Calculating Tension in a Wire Rope: Transverse Displacement and Applied Force

[holezch]

Homework Statement

A sailor tests the tension in a wire rope holding up a mast by pushing against the rope with his hand at a distance L from the lower end of the rope. When he exerts a 'transverse' push N, the rope suffers a transverse displacement s.

Show that for s << L, the tension in the wire rope is given approximately by the formula:

T = N L/s

Homework Equations

The Attempt at a Solution

I looked up the word transverse and it meant to be perpendicular. So, then we have that the tension vector, and the displacement vector and another side make a right angle triangle. Then, T is the hypotenuse of the triangle displacement^2 + another side^2.. I know that if I can get a proper sine or cosine equation, I can use the opp/hyp identities to come to that solution, but I can't see it.. thanks

 

[rl.bhat]

Since s << L, tanθ~ sinθ ~ θ = s/L.
So F/T = sinθ = s/L

 

[holezch]

hi, thank you very much, but how is sin theta = F/T? the displacement s would form a right angle triangle with L and where the rope used to be before it was displaced. the applied force could be of varying magnitudes so we can't say that it's the same as S?

thanks

 

[holezch]

or maybe when theta is really small, both triangles formed by N and T and L and S are approximately the same? thanks

 

[rl.bhat]

or maybe when theta is really small, both triangles formed by N and T and L and S are approximately the same? thanks

Yes. In a triangle formed by the forces, sides of the triangles are proportional to the corresponding forces.

 

[holezch]

thanks! that;s what I thought intuitively.. but how can I show this?

thanks again

 

[rl.bhat]

thanks! that;s what I thought intuitively.. but how can I show this?

thanks again

It is a theorem in the vectors. No need to prove it here.

 

[holezch]

It is a theorem in the vectors. No need to prove it here.

thanks, do you know where I can learn about this theorem? I had no idea about it.. and is it a theorem involving vectors in PHYSICS or vectors in general? it seems to rely on the physics behind this question. (that the force vectors will be proportional to the sides L and S) thanks again

 

[holezch]

could anybody tell me about this please?
thanks

 

[rl.bhat]

Original position of the rope, transverse force and the tension in the rope firm a right angled triangle. In that
F/T = sinθ.
When s <<< L, sinθ = θ. And θ = s/L.
So F/T = s/L.

 

[holezch]

thanks, but how do you know that F/T = sin theta?? what if the applied force vector is longer than the tension, then it would have to be scaled..

 

[rl.bhat]

thanks, but how do you know that F/T = sin theta?? what if the applied force vector is longer than the tension, then it would have to be scaled..

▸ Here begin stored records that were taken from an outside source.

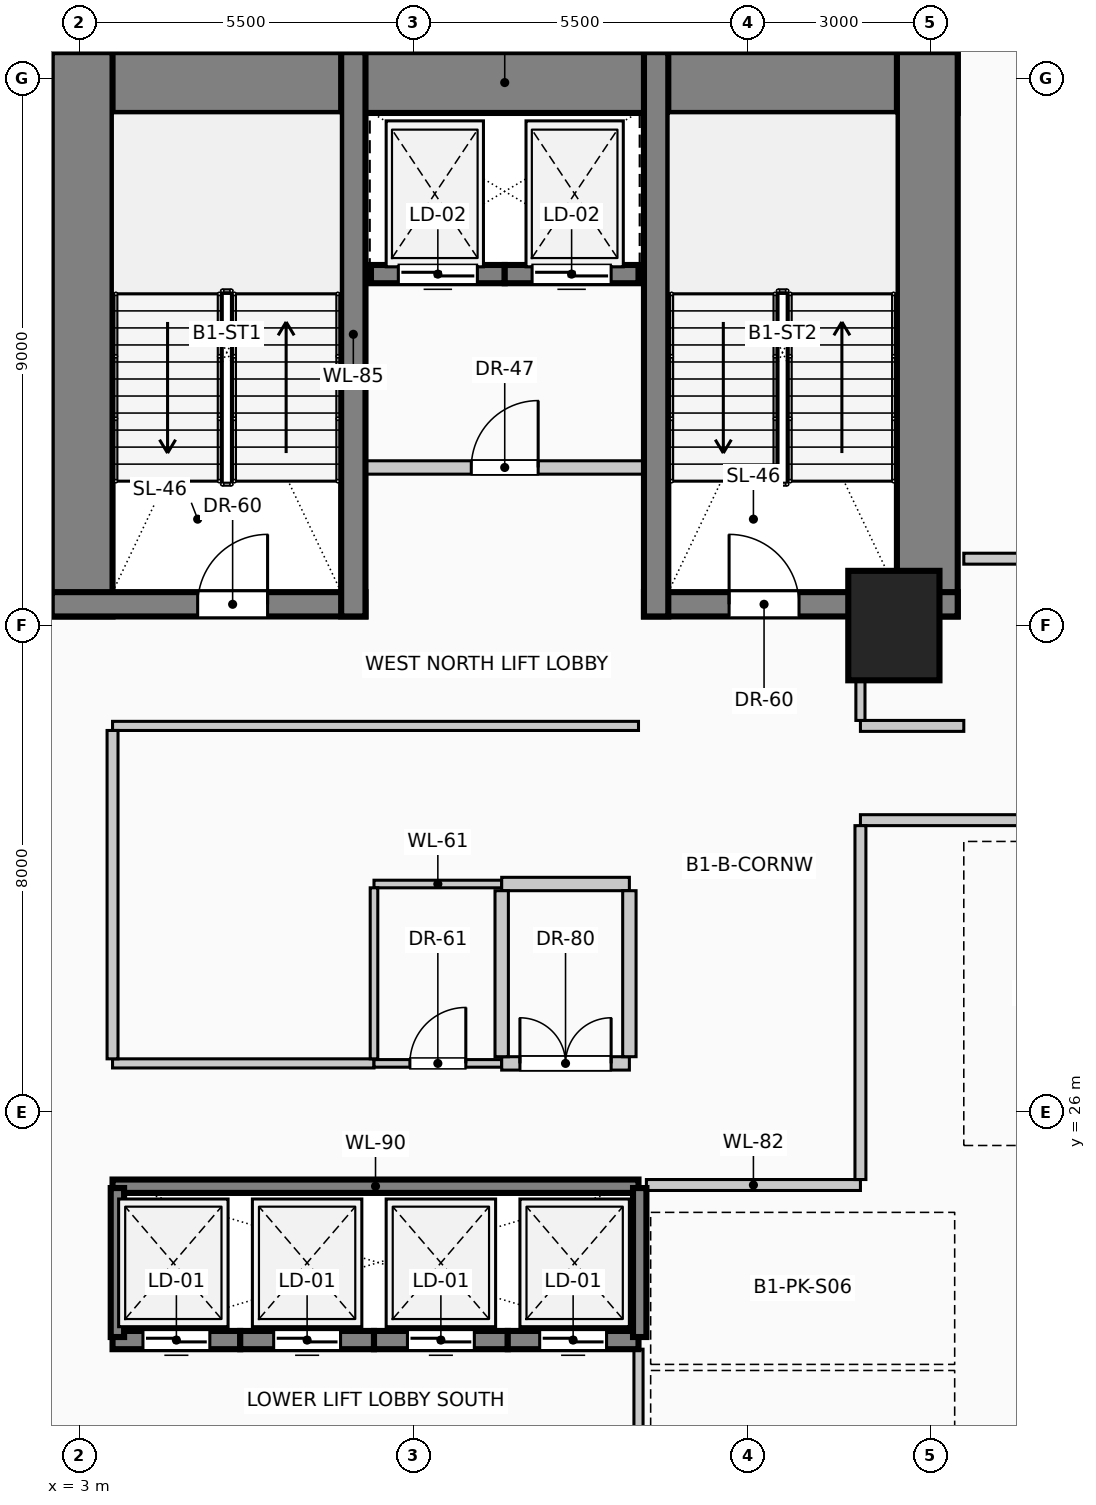
"""IFC4 building model, lengths in metres.
Left out: names, types, materials, properties, quantities, classifications, styles, units other than length and angle.
Written with IfcOpenShell. Run it as: python <this file> out.ifc"""

import sys

from ifc_helpers import new_model, si_unit, direction, frame, frame_2d, origin, origin_2d, place, context, subcontext, project, spatial, rectangle, extrude, element, fill, save


model = new_model("IFC4")
c1 = context("Model", 3, precision=1e-05, world=origin(), true_north=direction((0.0, 1.0)))
c2 = subcontext(c1, "Body", "Model", "MODEL_VIEW")
j1 = project(units=[si_unit("LENGTHUNIT", "METRE"), si_unit("PLANEANGLEUNIT", "RADIAN")], contexts=[c1])
p1 = place(None, origin())
s1 = spatial("IfcSite", under=j1, at=p1, CompositionType="ELEMENT")
p2 = place(p1, origin())
s2 = spatial("IfcBuilding", under=s1, at=p2, CompositionType="ELEMENT")
p3 = place(p2, frame((0.0, 0.0, -4.5)))
s3 = spatial("IfcBuildingStorey", under=s2, at=p3, CompositionType="ELEMENT", Elevation=-4.5)
p4 = place(p3, frame((2.55, 42.93, 0.0), z_axis=(0.0, 0.0, 1.0), x_axis=(1.0, 0.0, 0.0)))
e1 = element("IfcWall", 1, at=p4, inside=s3, PredefinedType="SHEAR", context=c2, shape_type="SweptSolid", body=[
    extrude(rectangle(XDim=14.9, YDim=1.0, at=frame_2d((7.45, 0.0))), origin(), (0.0, 0.0, 1.0), 4.5),
])
for number, where, z_axis, x_axis in (
    (2, (3.05, 34.15, 0.0), (0.0, 0.0, 1.0), (0.0, 1.0, 0.0)),
    (3, (16.95, 34.15, 0.0), (0.0, 0.0, 1.0), (0.0, 1.0, 0.0)),
):
    element("IfcWall", number, at=place(p3, frame(where, z_axis=z_axis, x_axis=x_axis)), inside=s3, PredefinedType="SHEAR", context=c2, shape_type="SweptSolid", body=[
        extrude(rectangle(XDim=9.28, YDim=1.0, at=frame_2d((4.64, 0.0))), origin(), (0.0, 0.0, 1.0), 4.5),
    ])
p5 = place(p3, frame((2.55, 34.35, 0.0), z_axis=(0.0, 0.0, 1.0), x_axis=(1.0, 0.0, 0.0)))
e4 = element("IfcWall", 4, at=p5, inside=s3, PredefinedType="SHEAR", context=c2, shape_type="SweptSolid", body=[
    extrude(rectangle(XDim=5.16, YDim=0.4, at=frame_2d((2.58, 0.0))), origin(), (0.0, 0.0, 1.0), 4.5),
])
p6 = place(p5, frame((2.4, 0.0, 0.0)))
e5 = element("IfcOpeningElement", 5, at=p6, cuts=e4, PredefinedType="OPENING", context=c2, shape_type="SweptSolid", body=[
    extrude(rectangle(XDim=1.15, YDim=2.2, at=frame_2d((0.575, 1.1))), frame((0.0, 0.21, 0.0), z_axis=(0.0, -1.0, 0.0), x_axis=(1.0, 0.0, 0.0)), (0.0, 0.0, 1.0), 0.42),
])
p7 = place(p3, frame((12.29, 34.35, 0.0), z_axis=(0.0, 0.0, 1.0), x_axis=(1.0, 0.0, 0.0)))
e6 = element("IfcWall", 6, at=p7, inside=s3, PredefinedType="SHEAR", context=c2, shape_type="SweptSolid", body=[
    extrude(rectangle(XDim=5.16, YDim=0.4, at=frame_2d((2.58, 0.0))), origin(), (0.0, 0.0, 1.0), 4.5),
])
p8 = place(p7, frame((1.4, 0.0, 0.0)))
e7 = element("IfcOpeningElement", 7, at=p8, cuts=e6, PredefinedType="OPENING", context=c2, shape_type="SweptSolid", body=[
    extrude(rectangle(XDim=1.15, YDim=2.2, at=frame_2d((0.575, 1.1))), frame((0.0, 0.21, 0.0), z_axis=(0.0, -1.0, 0.0), x_axis=(1.0, 0.0, 0.0)), (0.0, 0.0, 1.0), 0.42),
])
for number, where, z_axis, x_axis in (
    (8, (7.51, 34.15, 0.0), (0.0, 0.0, 1.0), (0.0, 1.0, 0.0)),
    (9, (12.49, 34.15, 0.0), (0.0, 0.0, 1.0), (0.0, 1.0, 0.0)),
):
    element("IfcWall", number, at=place(p3, frame(where, z_axis=z_axis, x_axis=x_axis)), inside=s3, PredefinedType="SHEAR", context=c2, shape_type="SweptSolid", body=[
        extrude(rectangle(XDim=9.28, YDim=0.4, at=frame_2d((4.64, 0.0))), origin(), (0.0, 0.0, 1.0), 4.5),
    ])
p9 = place(p3, frame((16.4, 34.0, 0.0), z_axis=(0.0, 0.0, 1.0), x_axis=(1.0, 0.0, 0.0)))
e10 = element("IfcColumn", 10, at=p9, inside=s3, PredefinedType="COLUMN", context=c2, shape_type="SweptSolid", body=[
    extrude(rectangle(XDim=1.5, YDim=1.8, at=origin_2d()), origin(), (0.0, 0.0, 1.0), 4.5),
])
p10 = place(p3, frame((5.65, 22.25, 0.0), z_axis=(0.0, 0.0, 1.0), x_axis=(-1.0, 0.0, 0.0)))
e11 = element("IfcWall", 11, at=p10, inside=s3, PredefinedType="SOLIDWALL", context=c2, shape_type="SweptSolid", body=[
    extrude(rectangle(XDim=2.1, YDim=0.3, at=frame_2d((1.05, 0.0))), origin(), (0.0, 0.0, 1.0), 4.5),
])
p11 = place(p10, frame((0.5, 0.0, 0.0)))
e12 = element("IfcOpeningElement", 12, at=p11, cuts=e11, PredefinedType="OPENING", context=c2, shape_type="SweptSolid", body=[
    extrude(rectangle(XDim=1.1, YDim=2.2, at=frame_2d((0.55, 1.1))), frame((0.0, 0.16, 0.0), z_axis=(0.0, -1.0, 0.0), x_axis=(1.0, 0.0, 0.0)), (0.0, 0.0, 1.0), 0.32),
])
p12 = place(p3, frame((7.85, 22.25, 0.0), z_axis=(0.0, 0.0, 1.0), x_axis=(-1.0, 0.0, 0.0)))
e13 = element("IfcWall", 13, at=p12, inside=s3, PredefinedType="SOLIDWALL", context=c2, shape_type="SweptSolid", body=[
    extrude(rectangle(XDim=2.2, YDim=0.3, at=frame_2d((1.1, 0.0))), origin(), (0.0, 0.0, 1.0), 4.5),
])
p13 = place(p12, frame((0.55, 0.0, 0.0)))
e14 = element("IfcOpeningElement", 14, at=p13, cuts=e13, PredefinedType="OPENING", context=c2, shape_type="SweptSolid", body=[
    extrude(rectangle(XDim=1.1, YDim=2.2, at=frame_2d((0.55, 1.1))), frame((0.0, 0.16, 0.0), z_axis=(0.0, -1.0, 0.0), x_axis=(1.0, 0.0, 0.0)), (0.0, 0.0, 1.0), 0.32),
])
p14 = place(p3, frame((10.05, 22.25, 0.0), z_axis=(0.0, 0.0, 1.0), x_axis=(-1.0, 0.0, 0.0)))
e15 = element("IfcWall", 15, at=p14, inside=s3, PredefinedType="SOLIDWALL", context=c2, shape_type="SweptSolid", body=[
    extrude(rectangle(XDim=2.2, YDim=0.3, at=frame_2d((1.1, 0.0))), origin(), (0.0, 0.0, 1.0), 4.5),
])
p15 = place(p14, frame((0.55, 0.0, 0.0)))
e16 = element("IfcOpeningElement", 16, at=p15, cuts=e15, PredefinedType="OPENING", context=c2, shape_type="SweptSolid", body=[
    extrude(rectangle(XDim=1.1, YDim=2.2, at=frame_2d((0.55, 1.1))), frame((0.0, 0.16, 0.0), z_axis=(0.0, -1.0, 0.0), x_axis=(1.0, 0.0, 0.0)), (0.0, 0.0, 1.0), 0.32),
])
p16 = place(p3, frame((12.2, 22.25, 0.0), z_axis=(0.0, 0.0, 1.0), x_axis=(-1.0, 0.0, 0.0)))
e17 = element("IfcWall", 17, at=p16, inside=s3, PredefinedType="SOLIDWALL", context=c2, shape_type="SweptSolid", body=[
    extrude(rectangle(XDim=2.15, YDim=0.3, at=frame_2d((1.075, 0.0))), origin(), (0.0, 0.0, 1.0), 4.5),
])
p17 = place(p16, frame((0.525, 0.0, 0.0)))
e18 = element("IfcOpeningElement", 18, at=p17, cuts=e17, PredefinedType="OPENING", context=c2, shape_type="SweptSolid", body=[
    extrude(rectangle(XDim=1.1, YDim=2.2, at=frame_2d((0.55, 1.1))), frame((0.0, 0.16, 0.0), z_axis=(0.0, -1.0, 0.0), x_axis=(1.0, 0.0, 0.0)), (0.0, 0.0, 1.0), 0.32),
])
p18 = place(p3, frame((10.0, 39.78, 0.0), z_axis=(0.0, 0.0, 1.0), x_axis=(-1.0, 0.0, 0.0)))
e19 = element("IfcWall", 19, at=p18, inside=s3, PredefinedType="SOLIDWALL", context=c2, shape_type="SweptSolid", body=[
    extrude(rectangle(XDim=2.2, YDim=0.3, at=frame_2d((1.1, 0.0))), origin(), (0.0, 0.0, 1.0), 4.5),
])
p19 = place(p18, frame((0.45, 0.0, 0.0)))
e20 = element("IfcOpeningElement", 20, at=p19, cuts=e19, PredefinedType="OPENING", context=c2, shape_type="SweptSolid", body=[
    extrude(rectangle(XDim=1.3, YDim=2.25, at=frame_2d((0.65, 1.125))), frame((0.0, 0.16, 0.0), z_axis=(0.0, -1.0, 0.0), x_axis=(1.0, 0.0, 0.0)), (0.0, 0.0, 1.0), 0.32),
])
p20 = place(p3, frame((12.2, 39.78, 0.0), z_axis=(0.0, 0.0, 1.0), x_axis=(-1.0, 0.0, 0.0)))
e21 = element("IfcWall", 21, at=p20, inside=s3, PredefinedType="SOLIDWALL", context=c2, shape_type="SweptSolid", body=[
    extrude(rectangle(XDim=2.2, YDim=0.3, at=frame_2d((1.1, 0.0))), origin(), (0.0, 0.0, 1.0), 4.5),
])
p21 = place(p20, frame((0.45, 0.0, 0.0)))
e22 = element("IfcOpeningElement", 22, at=p21, cuts=e21, PredefinedType="OPENING", context=c2, shape_type="SweptSolid", body=[
    extrude(rectangle(XDim=1.3, YDim=2.25, at=frame_2d((0.65, 1.125))), frame((0.0, 0.16, 0.0), z_axis=(0.0, -1.0, 0.0), x_axis=(1.0, 0.0, 0.0)), (0.0, 0.0, 1.0), 0.32),
])
p22 = place(p3, frame((3.55, 24.78, 0.0), z_axis=(0.0, 0.0, 1.0), x_axis=(1.0, 0.0, 0.0)))
e23 = element("IfcWall", 23, at=p22, inside=s3, PredefinedType="SOLIDWALL", context=c2, shape_type="SweptSolid", body=[
    extrude(rectangle(XDim=8.65, YDim=0.22, at=frame_2d((4.325, 0.0))), origin(), (0.0, 0.0, 1.0), 4.5),
])
for number, where, z_axis, x_axis in (
    (24, (3.63, 22.3, 0.0), (0.0, 0.0, 1.0), (0.0, 1.0, 0.0)),
    (25, (12.22, 22.3, 0.0), (0.0, 0.0, 1.0), (0.0, 1.0, 0.0)),
):
    element("IfcWall", number, at=place(p3, frame(where, z_axis=z_axis, x_axis=x_axis)), inside=s3, PredefinedType="SOLIDWALL", context=c2, shape_type="SweptSolid", body=[
        extrude(rectangle(XDim=2.45, YDim=0.22, at=frame_2d((1.225, 0.0))), origin(), (0.0, 0.0, 1.0), 4.5),
    ])
p23 = place(p3, frame((7.51, 36.6, 0.0), z_axis=(0.0, 0.0, 1.0), x_axis=(1.0, 0.0, 0.0)))
e26 = element("IfcWall", 26, at=p23, inside=s3, PredefinedType="PARTITIONING", context=c2, shape_type="SweptSolid", body=[
    extrude(rectangle(XDim=4.98, YDim=0.22, at=frame_2d((2.49, 0.0))), origin(), (0.0, 0.0, 1.0), 4.1),
])
p24 = place(p23, frame((1.94, 0.0, 0.0)))
e27 = element("IfcOpeningElement", 27, at=p24, cuts=e26, PredefinedType="OPENING", context=c2, shape_type="SweptSolid", body=[
    extrude(rectangle(XDim=1.1, YDim=2.2, at=frame_2d((0.55, 1.1))), frame((0.0, 0.12, 0.0), z_axis=(0.0, -1.0, 0.0), x_axis=(1.0, 0.0, 0.0)), (0.0, 0.0, 1.0), 0.24),
])
p25 = place(p3, frame((12.33, 24.8, 0.0), z_axis=(0.0, 0.0, 1.0), x_axis=(1.0, 0.0, 0.0)))
e28 = element("IfcWall", 28, at=p25, inside=s3, PredefinedType="PARTITIONING", context=c2, shape_type="SweptSolid", body=[
    extrude(rectangle(XDim=3.52, YDim=0.18, at=frame_2d((1.76, 0.0))), origin(), (0.0, 0.0, 1.0), 4.1),
])
p26 = place(p3, frame((3.55, 26.8, 0.0), z_axis=(0.0, 0.0, 1.0), x_axis=(1.0, 0.0, 0.0)))
e29 = element("IfcWall", 29, at=p26, inside=s3, PredefinedType="PARTITIONING", context=c2, shape_type="SweptSolid", body=[
    extrude(rectangle(XDim=4.3, YDim=0.15, at=frame_2d((2.15, 0.0))), origin(), (0.0, 0.0, 1.0), 4.1),
])
p27 = place(p3, frame((7.85, 26.8, 0.0), z_axis=(0.0, 0.0, 1.0), x_axis=(1.0, 0.0, 0.0)))
e30 = element("IfcWall", 30, at=p27, inside=s3, PredefinedType="PARTITIONING", context=c2, shape_type="SweptSolid", body=[
    extrude(rectangle(XDim=2.1, YDim=0.125, at=frame_2d((1.05, 0.0))), origin(), (0.0, 0.0, 1.0), 4.1),
])
p28 = place(p27, frame((0.59, 0.0, 0.0)))
e31 = element("IfcOpeningElement", 31, at=p28, cuts=e30, PredefinedType="OPENING", context=c2, shape_type="SweptSolid", body=[
    extrude(rectangle(XDim=0.92, YDim=2.1, at=frame_2d((0.46, 1.05))), frame((0.0, 0.073, 0.0), z_axis=(0.0, -1.0, 0.0), x_axis=(1.0, 0.0, 0.0)), (0.0, 0.0, 1.0), 0.145),
])
p29 = place(p3, frame((9.95, 26.8, 0.0), z_axis=(0.0, 0.0, 1.0), x_axis=(1.0, 0.0, 0.0)))
e32 = element("IfcWall", 32, at=p29, inside=s3, PredefinedType="PARTITIONING", context=c2, shape_type="SweptSolid", body=[
    extrude(rectangle(XDim=2.1, YDim=0.22, at=frame_2d((1.05, 0.0))), origin(), (0.0, 0.0, 1.0), 4.1),
])
p30 = place(p29, frame((0.3, 0.0, 0.0)))
e33 = element("IfcOpeningElement", 33, at=p30, cuts=e32, PredefinedType="OPENING", context=c2, shape_type="SweptSolid", body=[
    extrude(rectangle(XDim=1.5, YDim=2.25, at=frame_2d((0.75, 1.125))), frame((0.0, 0.12, 0.0), z_axis=(0.0, -1.0, 0.0), x_axis=(1.0, 0.0, 0.0)), (0.0, 0.0, 1.0), 0.24),
])
p31 = place(p3, frame((7.85, 29.75, 0.0), z_axis=(0.0, 0.0, 1.0), x_axis=(1.0, 0.0, 0.0)))
e34 = element("IfcWall", 34, at=p31, inside=s3, PredefinedType="PARTITIONING", context=c2, shape_type="SweptSolid", body=[
    extrude(rectangle(XDim=2.1, YDim=0.125, at=frame_2d((1.05, 0.0))), origin(), (0.0, 0.0, 1.0), 4.1),
])
p32 = place(p3, frame((9.95, 29.75, 0.0), z_axis=(0.0, 0.0, 1.0), x_axis=(1.0, 0.0, 0.0)))
e35 = element("IfcWall", 35, at=p32, inside=s3, PredefinedType="PARTITIONING", context=c2, shape_type="SweptSolid", body=[
    extrude(rectangle(XDim=2.1, YDim=0.22, at=frame_2d((1.05, 0.0))), origin(), (0.0, 0.0, 1.0), 4.1),
])
p33 = place(p3, frame((15.85, 30.8, 0.0), z_axis=(0.0, 0.0, 1.0), x_axis=(1.0, 0.0, 0.0)))
e36 = element("IfcWall", 36, at=p33, inside=s3, PredefinedType="PARTITIONING", context=c2, shape_type="SweptSolid", body=[
    extrude(rectangle(XDim=29.7, YDim=0.18, at=frame_2d((14.85, 0.0))), origin(), (0.0, 0.0, 1.0), 4.1),
])
p34 = place(p3, frame((3.55, 32.35, 0.0), z_axis=(0.0, 0.0, 1.0), x_axis=(1.0, 0.0, 0.0)))
e37 = element("IfcWall", 37, at=p34, inside=s3, PredefinedType="PARTITIONING", context=c2, shape_type="SweptSolid", body=[
    extrude(rectangle(XDim=8.65, YDim=0.15, at=frame_2d((4.325, 0.0))), origin(), (0.0, 0.0, 1.0), 4.1),
])
p35 = place(p3, frame((15.85, 32.35, 0.0), z_axis=(0.0, 0.0, 1.0), x_axis=(1.0, 0.0, 0.0)))
e38 = element("IfcWall", 38, at=p35, inside=s3, PredefinedType="PARTITIONING", context=c2, shape_type="SweptSolid", body=[
    extrude(rectangle(XDim=1.7, YDim=0.18, at=frame_2d((0.85, 0.0))), origin(), (0.0, 0.0, 1.0), 4.1),
])
p36 = place(p3, frame((1.85, 34.35, 0.0), z_axis=(0.0, 0.0, 1.0), x_axis=(1.0, 0.0, 0.0)))
e39 = element("IfcWall", 39, at=p36, inside=s3, PredefinedType="PARTITIONING", context=c2, shape_type="SweptSolid", body=[
    extrude(rectangle(XDim=0.7, YDim=0.18, at=frame_2d((0.35, 0.0))), origin(), (0.0, 0.0, 1.0), 3.145),
])
p37 = place(p3, frame((17.55, 35.1, 0.0), z_axis=(0.0, 0.0, 1.0), x_axis=(1.0, 0.0, 0.0)))
e40 = element("IfcWall", 40, at=p37, inside=s3, PredefinedType="PARTITIONING", context=c2, shape_type="SweptSolid", body=[
    extrude(rectangle(XDim=10.25, YDim=0.18, at=frame_2d((5.125, 0.0))), origin(), (0.0, 0.0, 1.0), 4.1),
])
p38 = place(p37, frame((4.685, 0.0, 0.0)))
e41 = element("IfcOpeningElement", 41, at=p38, cuts=e40, PredefinedType="OPENING", context=c2, shape_type="SweptSolid", body=[
    extrude(rectangle(XDim=0.88, YDim=2.1, at=frame_2d((0.44, 1.05))), frame((0.0, 0.1, 0.0), z_axis=(0.0, -1.0, 0.0), x_axis=(1.0, 0.0, 0.0)), (0.0, 0.0, 1.0), 0.2),
])
p39 = place(p3, frame((3.55, 26.875, 0.0), z_axis=(0.0, 0.0, 1.0), x_axis=(0.0, 1.0, 0.0)))
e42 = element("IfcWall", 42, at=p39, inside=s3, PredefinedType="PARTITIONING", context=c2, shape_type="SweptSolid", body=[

When you apply transverse force in the horizontal direction, the vertical rope is shifted sideways having a tension T. Draw the diagram and find sinθ.

 

[holezch]

yes, I understand, but how do we know that these vectors (the applied force and the tension) will make a right angle triangle with the rope position before the force was applied?

For example, the tension vector might be "too long", and only part of this vector will be included in the triangle.. I hope you understand what I'm asking.. thanks

 

[rl.bhat]

Can you draw a figure as described in the problem?
I presume the rope is straight before applying the transverse force. Even if the tension vector is "too long", the tension is same through out the rope.

 

[holezch]

hi,

I also drew in what I understand from this problem.. there's the triangle, and the lengths in red should form a right angle triangle.
the broken line is where it is before being pushed. thanks

I was asking about how we knew that N, T and the broken red line part formed a "proper" right angle triangle? what if a right angle triangle is only formed with N, the red broken line part and a part of T (3/4? 1/2?. et c), then sin theta wouldn't be N/T

 

[rl.bhat]

If N is the force of push, the vector N should be from broken line to full line. The broken line, N and T form a right angled triangle. Angle between the N and the broken line is 90 degrees.

 

[holezch]

hmm, that's what I thought when I first saw it.. but how do I know the length of N is s and the length of T is L? Isn't it possible that you would need more force to move displacement s than a magnitude of s? same with tension..

thanks

 

[rl.bhat]

Since two ends of the ropes are fixed, the change in the length of the rope is very minimum. When you push more, θ increases and hence s increases. T also increases, but L does not change. There must be a braking point for the rope. So you have restrict your N.